Je fus prise à cette époque d'un véritable amour pour les objets les plus laids et les moins commodes: ainsi j'éprouvai de la joie lorsque je me vis enlever la jolie petite cruche de notre cellule, pour recevoir à sa place une grosse cruche tout ébréchée. Je faisais aussi bien des efforts pour ne pas m'excuser, ce qui m'était très difficile surtout avec notre Maîtresse à laquelle je n'aurais rien voulu cacher.
Ma première victoire n'est pas grande, mais elle m'a bien coûté. Un petit vase, laissé par je ne sais qui derrière une fenêtre, se trouva brisé. Notre Maîtresse me croyant coupable de l'avoir laissé traîner, me dit de faire plus attention une autre fois, que je manquais totalement d'ordre; enfin elle parut mécontente. Sans rien dire, je baisai la terre, ensuite je promis d'avoir plus d'ordre à l'avenir. A cause de mon peu de vertu, ces petites pratiques, je l'ai dit, me coûtaient beaucoup, et j'avais besoin de penser qu'au jour du Jugement tout serait révélé.
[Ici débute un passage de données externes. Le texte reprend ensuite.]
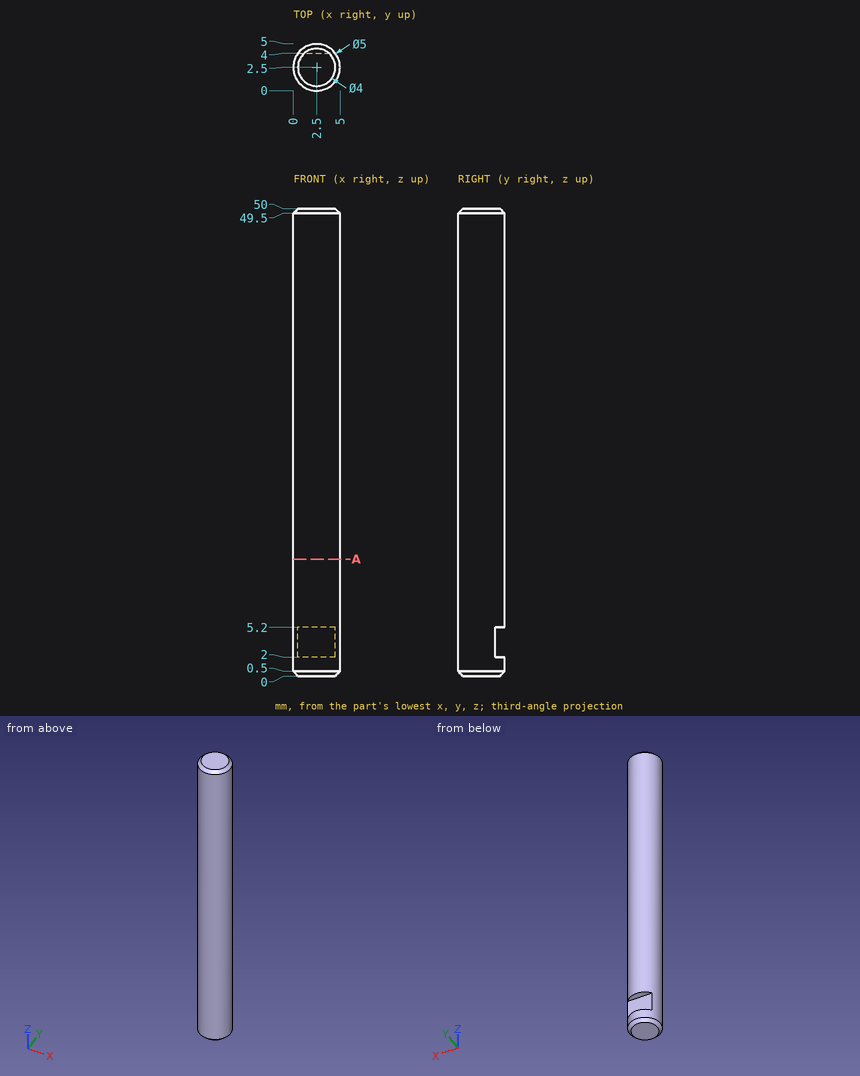
Can you work these out from the drawing? Everything is in mm from the part's minimum corner. Round coordinates to 2 decimals unless told otherwise and drop trailing zeros. Loops run counter-clockwise (first coordinate to the right, second up) from the corner with the lowest first, then second, coordinate; pieces in that order, holes last. Notation, with made-up numbers: (-28, 86.5) -> (0, 86.5) arc R32 cw to (0, 120.5) -> close; hole circle Ø8 at (71, -4). An arc over 180 degrees is marked (long way). Put each result on its own line as item: value.
Q1. I want a section at A-A on z = 12.5. Write out the boundary of the cut face in (x, y), and give its area (3 significant figures).
Checks:
outline: circle Ø5 at (2.5, 2.5)
area: 19.6 mm2
Q2. For pin 1 Ø2.5 at (x, z) = (1.5, 3) entering from +Y; pin 2 Ø1.5 at (y, z) = (1, 39.5) entering from +X; pin 3 Ø0.8 at (x, y) = (3, 4.5) entering from +Z; pin 4 Ø1 at (y, z) = (4, 31) entering from +X, each with a flat end and sliding along its axis, tell me the tip position at first contact or that it passes through.
Checks:
pin 1: y = 4.99
pin 2: x = 4.88
pin 3: z = 50
pin 4: x = 4.79
Q3. Please list where these lines run through material, in increasing order: line 1 (Y direction, x = 2.3, z = 5); line 2 (X direction, y = 2.7, z = 33.5); line 3 (Z direction, x = 0.4, y = 1.75). Write a range as from..to.
Checks:
line 1: 0.01..4
line 2: 0.01..4.99
line 3: 0.23..49.77
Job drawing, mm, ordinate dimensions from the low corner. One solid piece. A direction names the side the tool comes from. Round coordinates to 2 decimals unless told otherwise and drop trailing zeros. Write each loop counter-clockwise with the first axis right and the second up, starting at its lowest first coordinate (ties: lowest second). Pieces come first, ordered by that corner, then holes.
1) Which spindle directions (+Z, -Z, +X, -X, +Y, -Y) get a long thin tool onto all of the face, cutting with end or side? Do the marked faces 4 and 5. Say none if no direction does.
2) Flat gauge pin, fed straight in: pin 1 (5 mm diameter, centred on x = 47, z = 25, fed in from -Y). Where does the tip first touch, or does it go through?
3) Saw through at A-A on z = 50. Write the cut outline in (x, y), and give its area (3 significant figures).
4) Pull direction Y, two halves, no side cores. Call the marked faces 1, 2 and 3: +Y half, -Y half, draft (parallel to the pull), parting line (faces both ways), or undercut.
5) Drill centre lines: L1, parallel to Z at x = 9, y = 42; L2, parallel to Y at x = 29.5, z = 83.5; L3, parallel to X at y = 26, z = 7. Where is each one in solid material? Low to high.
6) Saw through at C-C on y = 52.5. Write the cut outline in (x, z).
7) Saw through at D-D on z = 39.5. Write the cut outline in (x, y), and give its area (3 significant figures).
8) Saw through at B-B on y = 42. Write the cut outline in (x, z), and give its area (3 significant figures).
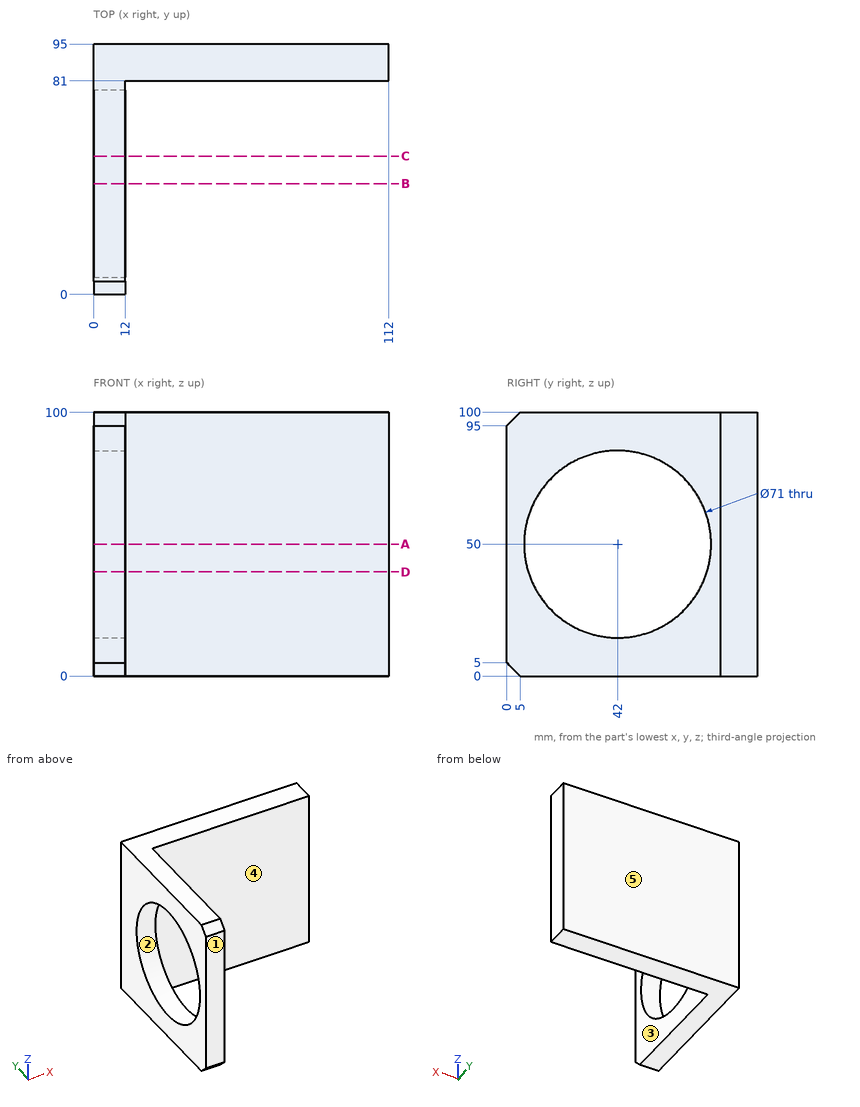
Completed:
1. face 4: +Z, -Z, +X, -Y
1. face 5: +Z, -Z, +X, -X, +Y
2. pin 1: stops at y = 81
3. outline: (0, 0) - (12, 0) - (12, 6.5) - (0, 6.5) - close; (0, 77.5) - (12, 77.5) - (12, 81) - (112, 81) - (112, 95) - (0, 95) - close
3. area: 1,690 mm2
4. face 1: -Y half
4. face 2: undercut
4. face 3: draft
5. L1: z = 0 to 14.5, 85.5 to 100
5. L2: y = 81 to 95
5. L3: x = 0 to 12
6. outline: (0, 0) - (12, 0) - (12, 16.09) - (0, 16.09) - close; (0, 83.91) - (12, 83.91) - (12, 100) - (0, 100) - close
7. outline: (0, 0) - (12, 0) - (12, 8.09) - (0, 8.09) - close; (0, 75.91) - (12, 75.91) - (12, 81) - (112, 81) - (112, 95) - (0, 95) - close
7. area: 1,730 mm2
8. outline: (0, 0) - (12, 0) - (12, 14.5) - (0, 14.5) - close; (0, 85.5) - (12, 85.5) - (12, 100) - (0, 100) - close
8. area: 348 mm2

Je m'appliquais surtout aux petits actes de vertu bien cachés; ainsi j'aimais à plier les manteaux oubliés par les sœurs, et je cherchais mille occasions de leur rendre service. L'attrait pour la pénitence me fut aussi donné; mais rien ne m'était permis pour le satisfaire. Les seules mortifications que l'on m'accordait consistaient à mortifier mon amour-propre; ce qui me faisait plus de bien que les pénitences corporelles.
Cependant la sainte Vierge m'aidait à préparer la robe de mon âme; aussitôt qu'elle fut achevée, les obstacles s'évanouirent, et ma profession se trouva fixée au 8 septembre 1890. Tout ce que je viens de dire en si peu de mots demanderait bien des pages; mais ces pages ne se liront jamais sur la terre...
... «Avant de partir, mon Jésus m'a demandé dans quel pays je
voulais voyager, quelle route je désirais suivre. Je lui ai répondu
que je n'avais qu'un seul désir, celui de me rendre au sommet de la
montagne de l'AMOUR.
Et Notre-Seigneur me prit par la main...»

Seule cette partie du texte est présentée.